Castro
Castro copied to clipboard
add capability to use James solver for gravity BCs
AMReX now has a James BC solver:
https://github.com/AMReX-Codes/amrex/pull/2912
we should add the ability to use this instead of the multipole solver for BCs.
As a comparison point for testing how this affects performance for an apples-to-apples test, build Exec/science/wdmerger
with make USE_CUDA=TRUE USE_MPI=TRUE DIM=3 TINY_PROFILE=TRUE
. This is the test case I ran on Perlmutter across 4 GPUs:
srun nsys profile -f true -s none -o wdmerger_256_%q{SLURM_PROCID} ./Castro3d.gnu.TPROF.MPI.CUDA.ex inputs amr.n_cell = 256 256 256 max_step = 10 amr.max_grid_size = 64 amr.blocking_factor = 16 amr.plot_files_output = 0 amr.checkpoint_files_output = 0
(The interactive job was allocated with salloc -N 1 --gpus-per-task=1 --gpu-bind=map_gpu:0,1,2,3 --tasks-per-node=4 -t 120 --qos=interactive -A m3018_g -C gpu
).
This is what the profile looks like on the last timestep.

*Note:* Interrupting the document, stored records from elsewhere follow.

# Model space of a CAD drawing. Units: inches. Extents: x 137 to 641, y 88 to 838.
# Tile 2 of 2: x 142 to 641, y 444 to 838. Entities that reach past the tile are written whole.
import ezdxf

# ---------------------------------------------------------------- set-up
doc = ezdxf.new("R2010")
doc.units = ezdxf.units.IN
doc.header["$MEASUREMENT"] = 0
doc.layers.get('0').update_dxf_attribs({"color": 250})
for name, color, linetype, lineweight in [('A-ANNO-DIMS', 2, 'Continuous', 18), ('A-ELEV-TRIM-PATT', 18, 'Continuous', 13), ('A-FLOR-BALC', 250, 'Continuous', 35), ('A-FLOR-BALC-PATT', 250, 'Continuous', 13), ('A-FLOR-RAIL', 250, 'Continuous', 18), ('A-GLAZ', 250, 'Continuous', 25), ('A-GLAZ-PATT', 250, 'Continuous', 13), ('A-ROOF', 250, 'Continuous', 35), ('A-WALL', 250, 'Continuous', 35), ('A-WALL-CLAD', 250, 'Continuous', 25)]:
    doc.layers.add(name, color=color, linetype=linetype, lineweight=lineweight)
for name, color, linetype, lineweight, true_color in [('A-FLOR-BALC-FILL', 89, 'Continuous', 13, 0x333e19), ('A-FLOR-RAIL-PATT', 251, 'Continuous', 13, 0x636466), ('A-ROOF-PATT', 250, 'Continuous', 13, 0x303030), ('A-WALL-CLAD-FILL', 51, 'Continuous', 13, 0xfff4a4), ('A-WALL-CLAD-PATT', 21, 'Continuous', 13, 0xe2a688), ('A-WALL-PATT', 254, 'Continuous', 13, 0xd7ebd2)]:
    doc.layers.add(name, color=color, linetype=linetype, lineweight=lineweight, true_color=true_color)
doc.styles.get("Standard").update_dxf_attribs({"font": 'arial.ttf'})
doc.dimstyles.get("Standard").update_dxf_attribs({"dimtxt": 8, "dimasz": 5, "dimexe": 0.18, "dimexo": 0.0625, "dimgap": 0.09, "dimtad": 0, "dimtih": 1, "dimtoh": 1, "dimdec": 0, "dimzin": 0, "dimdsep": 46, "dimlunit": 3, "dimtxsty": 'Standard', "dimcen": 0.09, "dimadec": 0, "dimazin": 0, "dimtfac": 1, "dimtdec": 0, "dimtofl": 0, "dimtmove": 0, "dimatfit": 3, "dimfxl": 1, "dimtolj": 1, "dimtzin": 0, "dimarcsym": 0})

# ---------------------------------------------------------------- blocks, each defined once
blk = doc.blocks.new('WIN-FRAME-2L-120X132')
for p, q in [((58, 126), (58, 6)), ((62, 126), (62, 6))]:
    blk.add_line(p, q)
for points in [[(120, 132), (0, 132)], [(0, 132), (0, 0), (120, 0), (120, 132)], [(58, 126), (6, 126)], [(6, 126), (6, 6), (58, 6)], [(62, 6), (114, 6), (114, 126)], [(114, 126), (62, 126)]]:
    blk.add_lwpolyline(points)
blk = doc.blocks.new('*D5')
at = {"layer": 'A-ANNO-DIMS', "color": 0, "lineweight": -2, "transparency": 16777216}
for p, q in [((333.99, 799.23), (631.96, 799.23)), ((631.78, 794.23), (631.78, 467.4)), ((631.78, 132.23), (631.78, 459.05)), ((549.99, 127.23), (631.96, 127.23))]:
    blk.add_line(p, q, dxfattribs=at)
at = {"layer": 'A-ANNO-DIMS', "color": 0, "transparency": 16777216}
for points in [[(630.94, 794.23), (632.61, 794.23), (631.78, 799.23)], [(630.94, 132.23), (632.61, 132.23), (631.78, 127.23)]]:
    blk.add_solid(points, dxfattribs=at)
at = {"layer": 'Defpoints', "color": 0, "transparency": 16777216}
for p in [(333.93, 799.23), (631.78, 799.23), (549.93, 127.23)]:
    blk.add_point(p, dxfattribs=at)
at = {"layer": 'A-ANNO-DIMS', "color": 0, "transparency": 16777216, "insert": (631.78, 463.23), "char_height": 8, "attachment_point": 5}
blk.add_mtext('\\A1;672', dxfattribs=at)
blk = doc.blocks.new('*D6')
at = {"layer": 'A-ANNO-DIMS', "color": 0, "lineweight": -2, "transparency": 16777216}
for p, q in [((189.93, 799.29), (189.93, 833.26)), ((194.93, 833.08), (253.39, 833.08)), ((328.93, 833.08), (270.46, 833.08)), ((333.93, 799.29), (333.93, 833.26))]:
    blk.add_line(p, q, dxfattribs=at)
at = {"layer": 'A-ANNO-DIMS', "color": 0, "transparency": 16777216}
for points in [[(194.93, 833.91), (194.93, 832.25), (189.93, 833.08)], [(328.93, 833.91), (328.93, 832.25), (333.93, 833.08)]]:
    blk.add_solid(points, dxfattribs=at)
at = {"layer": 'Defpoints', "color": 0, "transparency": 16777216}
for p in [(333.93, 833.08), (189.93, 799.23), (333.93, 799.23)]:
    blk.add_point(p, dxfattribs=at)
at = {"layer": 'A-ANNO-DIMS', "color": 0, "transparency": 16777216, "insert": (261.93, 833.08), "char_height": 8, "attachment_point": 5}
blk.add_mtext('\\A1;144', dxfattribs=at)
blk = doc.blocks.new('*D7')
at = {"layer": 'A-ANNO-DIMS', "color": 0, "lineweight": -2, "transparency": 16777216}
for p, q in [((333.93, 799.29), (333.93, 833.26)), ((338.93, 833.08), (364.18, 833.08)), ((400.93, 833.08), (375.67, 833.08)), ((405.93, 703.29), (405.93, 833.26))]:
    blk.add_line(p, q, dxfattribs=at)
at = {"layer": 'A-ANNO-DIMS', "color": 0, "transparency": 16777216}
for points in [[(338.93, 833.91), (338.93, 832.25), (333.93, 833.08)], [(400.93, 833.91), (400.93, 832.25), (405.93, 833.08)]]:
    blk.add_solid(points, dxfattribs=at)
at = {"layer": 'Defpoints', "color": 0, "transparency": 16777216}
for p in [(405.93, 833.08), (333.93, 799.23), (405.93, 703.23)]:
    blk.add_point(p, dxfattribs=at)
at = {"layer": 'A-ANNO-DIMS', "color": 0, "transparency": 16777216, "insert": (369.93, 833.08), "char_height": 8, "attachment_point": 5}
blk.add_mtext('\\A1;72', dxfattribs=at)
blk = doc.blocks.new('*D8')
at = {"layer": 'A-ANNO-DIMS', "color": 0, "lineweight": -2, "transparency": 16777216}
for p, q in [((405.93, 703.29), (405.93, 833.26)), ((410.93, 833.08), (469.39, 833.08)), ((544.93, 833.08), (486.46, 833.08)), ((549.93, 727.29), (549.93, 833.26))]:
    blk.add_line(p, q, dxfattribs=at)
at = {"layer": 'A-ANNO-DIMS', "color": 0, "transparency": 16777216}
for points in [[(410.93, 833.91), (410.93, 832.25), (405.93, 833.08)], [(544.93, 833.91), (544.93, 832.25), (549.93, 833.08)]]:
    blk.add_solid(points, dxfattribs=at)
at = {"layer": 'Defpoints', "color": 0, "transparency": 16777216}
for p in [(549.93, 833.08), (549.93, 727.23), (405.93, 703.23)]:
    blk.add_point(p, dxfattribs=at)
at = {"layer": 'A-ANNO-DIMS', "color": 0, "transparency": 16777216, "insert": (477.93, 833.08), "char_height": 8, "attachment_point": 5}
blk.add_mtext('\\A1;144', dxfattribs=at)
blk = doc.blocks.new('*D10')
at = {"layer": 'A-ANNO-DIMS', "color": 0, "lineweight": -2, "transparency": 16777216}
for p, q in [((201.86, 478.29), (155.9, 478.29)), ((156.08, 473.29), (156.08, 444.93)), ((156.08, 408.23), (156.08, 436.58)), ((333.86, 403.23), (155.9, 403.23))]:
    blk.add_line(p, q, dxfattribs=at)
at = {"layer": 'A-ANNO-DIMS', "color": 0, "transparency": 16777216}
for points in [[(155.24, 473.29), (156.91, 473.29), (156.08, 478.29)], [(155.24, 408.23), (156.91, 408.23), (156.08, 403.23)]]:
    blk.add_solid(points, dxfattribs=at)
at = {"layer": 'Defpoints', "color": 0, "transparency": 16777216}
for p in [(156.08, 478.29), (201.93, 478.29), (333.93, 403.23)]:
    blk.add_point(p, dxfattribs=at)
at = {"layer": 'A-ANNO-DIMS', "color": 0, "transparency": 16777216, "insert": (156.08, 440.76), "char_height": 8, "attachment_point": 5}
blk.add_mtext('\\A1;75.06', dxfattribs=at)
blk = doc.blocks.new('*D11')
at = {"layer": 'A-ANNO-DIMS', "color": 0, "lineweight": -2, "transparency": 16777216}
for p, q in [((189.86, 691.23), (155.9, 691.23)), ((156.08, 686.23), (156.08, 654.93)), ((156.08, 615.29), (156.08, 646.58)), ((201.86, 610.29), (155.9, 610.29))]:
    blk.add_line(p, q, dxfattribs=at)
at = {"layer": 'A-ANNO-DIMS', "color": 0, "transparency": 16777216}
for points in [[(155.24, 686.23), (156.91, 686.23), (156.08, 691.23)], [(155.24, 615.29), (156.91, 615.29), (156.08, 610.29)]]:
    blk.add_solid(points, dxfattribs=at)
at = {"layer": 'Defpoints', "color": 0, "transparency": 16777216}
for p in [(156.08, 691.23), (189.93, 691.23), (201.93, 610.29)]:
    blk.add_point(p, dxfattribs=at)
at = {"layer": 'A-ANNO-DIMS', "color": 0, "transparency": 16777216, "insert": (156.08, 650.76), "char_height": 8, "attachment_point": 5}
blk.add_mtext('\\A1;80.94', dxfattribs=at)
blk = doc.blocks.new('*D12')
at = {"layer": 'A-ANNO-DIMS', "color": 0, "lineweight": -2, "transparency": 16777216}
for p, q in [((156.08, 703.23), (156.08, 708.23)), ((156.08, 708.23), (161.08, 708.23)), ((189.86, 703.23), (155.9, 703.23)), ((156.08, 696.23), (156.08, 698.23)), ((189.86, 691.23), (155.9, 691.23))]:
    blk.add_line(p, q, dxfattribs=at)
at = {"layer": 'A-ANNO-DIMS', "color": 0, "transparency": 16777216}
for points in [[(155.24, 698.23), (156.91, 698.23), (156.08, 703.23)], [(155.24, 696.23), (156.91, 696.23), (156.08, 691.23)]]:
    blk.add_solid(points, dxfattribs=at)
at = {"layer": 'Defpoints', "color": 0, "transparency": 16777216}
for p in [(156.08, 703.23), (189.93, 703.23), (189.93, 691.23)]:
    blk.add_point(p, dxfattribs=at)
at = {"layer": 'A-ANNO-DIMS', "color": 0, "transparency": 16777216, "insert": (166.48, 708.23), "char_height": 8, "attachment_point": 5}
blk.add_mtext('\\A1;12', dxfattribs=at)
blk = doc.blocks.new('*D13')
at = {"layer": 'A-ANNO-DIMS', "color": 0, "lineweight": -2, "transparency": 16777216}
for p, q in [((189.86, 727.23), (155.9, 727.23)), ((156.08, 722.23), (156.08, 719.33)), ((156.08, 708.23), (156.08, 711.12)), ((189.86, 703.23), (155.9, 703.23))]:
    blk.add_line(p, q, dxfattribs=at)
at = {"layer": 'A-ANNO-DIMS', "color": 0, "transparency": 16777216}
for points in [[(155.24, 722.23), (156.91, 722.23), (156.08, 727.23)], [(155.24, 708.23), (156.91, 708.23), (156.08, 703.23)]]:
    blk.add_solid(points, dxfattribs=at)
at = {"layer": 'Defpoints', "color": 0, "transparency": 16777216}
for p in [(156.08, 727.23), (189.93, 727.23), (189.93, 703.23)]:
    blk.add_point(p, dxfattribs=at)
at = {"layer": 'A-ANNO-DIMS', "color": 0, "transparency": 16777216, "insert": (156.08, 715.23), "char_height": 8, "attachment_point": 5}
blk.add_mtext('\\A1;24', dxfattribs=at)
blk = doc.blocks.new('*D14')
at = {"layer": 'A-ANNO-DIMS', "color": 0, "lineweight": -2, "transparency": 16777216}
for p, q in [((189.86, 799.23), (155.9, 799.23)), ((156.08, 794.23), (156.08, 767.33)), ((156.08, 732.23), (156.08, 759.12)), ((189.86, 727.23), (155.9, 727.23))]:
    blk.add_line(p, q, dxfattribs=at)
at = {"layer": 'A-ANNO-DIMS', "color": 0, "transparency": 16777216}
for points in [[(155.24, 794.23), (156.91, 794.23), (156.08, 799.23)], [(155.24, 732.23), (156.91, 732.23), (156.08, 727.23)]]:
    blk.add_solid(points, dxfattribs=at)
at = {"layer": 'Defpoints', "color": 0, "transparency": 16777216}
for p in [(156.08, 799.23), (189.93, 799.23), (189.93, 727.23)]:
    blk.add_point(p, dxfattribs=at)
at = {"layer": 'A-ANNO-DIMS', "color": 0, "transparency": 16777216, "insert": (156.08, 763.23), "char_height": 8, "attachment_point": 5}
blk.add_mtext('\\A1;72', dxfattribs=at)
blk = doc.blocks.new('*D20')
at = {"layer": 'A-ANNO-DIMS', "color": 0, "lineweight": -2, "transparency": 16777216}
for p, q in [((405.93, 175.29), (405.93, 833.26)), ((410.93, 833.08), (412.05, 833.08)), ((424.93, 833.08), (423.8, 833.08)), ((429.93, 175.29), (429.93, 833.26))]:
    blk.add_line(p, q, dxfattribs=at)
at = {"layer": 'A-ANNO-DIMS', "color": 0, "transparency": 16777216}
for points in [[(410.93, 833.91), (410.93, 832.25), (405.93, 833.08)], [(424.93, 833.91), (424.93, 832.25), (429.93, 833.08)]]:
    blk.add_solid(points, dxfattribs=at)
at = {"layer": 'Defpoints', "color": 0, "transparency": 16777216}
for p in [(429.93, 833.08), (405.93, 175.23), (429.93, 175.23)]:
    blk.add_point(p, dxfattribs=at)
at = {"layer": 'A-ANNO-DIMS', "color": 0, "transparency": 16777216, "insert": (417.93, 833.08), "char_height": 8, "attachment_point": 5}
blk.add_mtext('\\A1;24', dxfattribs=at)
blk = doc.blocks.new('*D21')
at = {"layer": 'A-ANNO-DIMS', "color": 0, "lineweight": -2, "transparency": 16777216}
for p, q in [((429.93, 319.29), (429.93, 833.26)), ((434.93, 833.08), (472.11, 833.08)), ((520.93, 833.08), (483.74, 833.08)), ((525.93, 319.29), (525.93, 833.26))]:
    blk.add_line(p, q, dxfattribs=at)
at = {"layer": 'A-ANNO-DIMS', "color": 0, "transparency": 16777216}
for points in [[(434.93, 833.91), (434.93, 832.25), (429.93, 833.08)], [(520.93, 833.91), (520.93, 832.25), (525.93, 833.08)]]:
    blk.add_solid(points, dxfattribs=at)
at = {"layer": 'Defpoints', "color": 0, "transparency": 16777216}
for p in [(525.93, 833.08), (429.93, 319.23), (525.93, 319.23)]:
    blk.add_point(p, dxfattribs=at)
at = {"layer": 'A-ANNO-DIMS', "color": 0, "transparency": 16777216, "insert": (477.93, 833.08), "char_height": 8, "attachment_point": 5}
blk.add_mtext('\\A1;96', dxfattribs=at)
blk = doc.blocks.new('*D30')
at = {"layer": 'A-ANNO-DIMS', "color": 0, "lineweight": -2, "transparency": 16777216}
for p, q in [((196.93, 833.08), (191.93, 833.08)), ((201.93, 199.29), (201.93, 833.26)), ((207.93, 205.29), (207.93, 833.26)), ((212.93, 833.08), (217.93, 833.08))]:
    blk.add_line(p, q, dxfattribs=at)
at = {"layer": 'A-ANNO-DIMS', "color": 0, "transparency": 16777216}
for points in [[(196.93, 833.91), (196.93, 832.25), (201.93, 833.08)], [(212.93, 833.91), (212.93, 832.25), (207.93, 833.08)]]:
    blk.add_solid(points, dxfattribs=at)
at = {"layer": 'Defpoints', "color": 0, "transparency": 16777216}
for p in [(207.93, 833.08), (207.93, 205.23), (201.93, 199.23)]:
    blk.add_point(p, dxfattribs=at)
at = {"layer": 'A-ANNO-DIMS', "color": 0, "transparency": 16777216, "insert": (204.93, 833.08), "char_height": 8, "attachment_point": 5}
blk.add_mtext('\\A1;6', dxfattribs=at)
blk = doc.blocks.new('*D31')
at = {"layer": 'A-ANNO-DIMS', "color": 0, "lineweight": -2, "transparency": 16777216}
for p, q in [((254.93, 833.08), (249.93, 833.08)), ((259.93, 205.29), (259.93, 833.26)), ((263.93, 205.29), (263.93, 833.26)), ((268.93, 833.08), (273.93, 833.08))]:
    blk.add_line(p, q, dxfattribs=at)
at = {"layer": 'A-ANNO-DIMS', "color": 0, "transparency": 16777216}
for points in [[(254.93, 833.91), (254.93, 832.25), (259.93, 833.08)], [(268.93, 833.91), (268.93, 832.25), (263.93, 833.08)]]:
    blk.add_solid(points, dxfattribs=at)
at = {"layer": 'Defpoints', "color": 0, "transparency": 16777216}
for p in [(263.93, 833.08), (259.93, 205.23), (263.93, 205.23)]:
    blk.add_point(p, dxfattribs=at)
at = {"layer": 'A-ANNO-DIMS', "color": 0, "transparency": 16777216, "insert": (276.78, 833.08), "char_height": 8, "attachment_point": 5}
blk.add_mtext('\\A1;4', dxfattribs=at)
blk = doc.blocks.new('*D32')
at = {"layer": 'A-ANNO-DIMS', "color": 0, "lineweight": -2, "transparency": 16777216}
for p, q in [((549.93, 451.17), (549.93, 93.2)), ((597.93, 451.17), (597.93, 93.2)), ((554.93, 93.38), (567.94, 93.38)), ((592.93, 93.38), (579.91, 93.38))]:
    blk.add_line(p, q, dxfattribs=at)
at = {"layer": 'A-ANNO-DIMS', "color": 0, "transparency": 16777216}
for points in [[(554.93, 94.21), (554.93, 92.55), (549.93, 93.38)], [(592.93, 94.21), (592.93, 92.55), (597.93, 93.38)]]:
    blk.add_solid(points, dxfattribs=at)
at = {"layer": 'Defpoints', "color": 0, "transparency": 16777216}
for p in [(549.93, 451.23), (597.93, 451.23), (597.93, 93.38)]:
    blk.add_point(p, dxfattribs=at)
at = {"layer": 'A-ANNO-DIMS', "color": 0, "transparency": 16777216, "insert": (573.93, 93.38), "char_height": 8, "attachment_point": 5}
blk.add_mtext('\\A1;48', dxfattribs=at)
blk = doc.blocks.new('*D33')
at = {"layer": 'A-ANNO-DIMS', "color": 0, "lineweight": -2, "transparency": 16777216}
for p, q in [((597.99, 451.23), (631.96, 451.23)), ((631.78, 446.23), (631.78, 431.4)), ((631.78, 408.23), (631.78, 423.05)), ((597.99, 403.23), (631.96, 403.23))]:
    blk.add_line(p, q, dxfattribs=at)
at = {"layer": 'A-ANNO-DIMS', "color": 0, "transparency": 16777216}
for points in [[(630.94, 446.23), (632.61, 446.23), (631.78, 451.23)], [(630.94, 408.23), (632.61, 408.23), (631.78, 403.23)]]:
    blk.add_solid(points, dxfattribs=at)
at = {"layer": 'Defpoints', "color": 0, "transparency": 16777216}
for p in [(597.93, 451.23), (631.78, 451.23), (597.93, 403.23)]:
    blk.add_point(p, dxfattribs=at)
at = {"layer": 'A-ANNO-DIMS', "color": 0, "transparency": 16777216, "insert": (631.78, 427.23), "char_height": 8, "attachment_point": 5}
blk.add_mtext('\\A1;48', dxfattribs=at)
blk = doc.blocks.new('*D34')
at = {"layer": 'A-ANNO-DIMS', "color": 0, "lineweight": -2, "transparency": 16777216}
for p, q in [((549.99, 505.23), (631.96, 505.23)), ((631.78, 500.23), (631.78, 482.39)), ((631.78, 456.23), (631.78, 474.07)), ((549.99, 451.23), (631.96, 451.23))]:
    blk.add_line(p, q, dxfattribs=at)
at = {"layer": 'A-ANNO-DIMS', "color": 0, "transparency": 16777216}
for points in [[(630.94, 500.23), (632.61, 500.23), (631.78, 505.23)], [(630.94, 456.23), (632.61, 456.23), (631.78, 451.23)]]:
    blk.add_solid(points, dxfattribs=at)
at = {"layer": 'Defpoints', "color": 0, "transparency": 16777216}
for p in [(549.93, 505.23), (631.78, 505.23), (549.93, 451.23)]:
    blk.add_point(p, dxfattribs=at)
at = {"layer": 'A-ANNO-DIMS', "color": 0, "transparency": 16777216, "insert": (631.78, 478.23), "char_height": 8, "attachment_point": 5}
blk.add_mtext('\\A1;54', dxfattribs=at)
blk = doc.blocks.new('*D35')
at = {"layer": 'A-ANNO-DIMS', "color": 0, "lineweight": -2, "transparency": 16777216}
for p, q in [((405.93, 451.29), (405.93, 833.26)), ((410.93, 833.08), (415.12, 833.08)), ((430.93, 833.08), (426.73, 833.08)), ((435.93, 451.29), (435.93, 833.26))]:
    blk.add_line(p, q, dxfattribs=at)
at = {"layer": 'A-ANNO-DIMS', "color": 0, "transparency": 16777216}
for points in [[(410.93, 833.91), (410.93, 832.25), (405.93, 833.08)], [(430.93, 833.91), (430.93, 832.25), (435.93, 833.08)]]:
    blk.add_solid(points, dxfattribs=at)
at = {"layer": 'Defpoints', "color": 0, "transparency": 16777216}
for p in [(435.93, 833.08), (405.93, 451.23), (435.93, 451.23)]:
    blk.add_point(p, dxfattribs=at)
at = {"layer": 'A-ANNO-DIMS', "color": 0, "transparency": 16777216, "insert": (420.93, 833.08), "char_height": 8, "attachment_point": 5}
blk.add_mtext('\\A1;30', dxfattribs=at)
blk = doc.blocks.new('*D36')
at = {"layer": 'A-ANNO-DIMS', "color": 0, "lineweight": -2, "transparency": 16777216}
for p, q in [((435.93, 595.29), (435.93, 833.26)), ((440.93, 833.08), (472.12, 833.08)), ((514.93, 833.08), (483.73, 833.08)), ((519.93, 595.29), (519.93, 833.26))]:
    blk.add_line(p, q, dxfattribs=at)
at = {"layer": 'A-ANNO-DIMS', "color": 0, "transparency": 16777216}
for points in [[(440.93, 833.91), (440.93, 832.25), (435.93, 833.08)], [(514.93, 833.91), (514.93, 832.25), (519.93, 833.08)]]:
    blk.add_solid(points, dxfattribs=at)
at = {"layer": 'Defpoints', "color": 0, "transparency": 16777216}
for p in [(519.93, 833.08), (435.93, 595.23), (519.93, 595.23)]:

The gravity solve takes 79 ms, of which 24 ms is spent in the multipole BC and 55 ms is spent in the Poisson solve.
This is not the only relevant configuration to consider; at larger scale, gravity tends to dominate over hydro and the profile looks a bit different, making the BCs less important. But it's a useful starting point for analysis.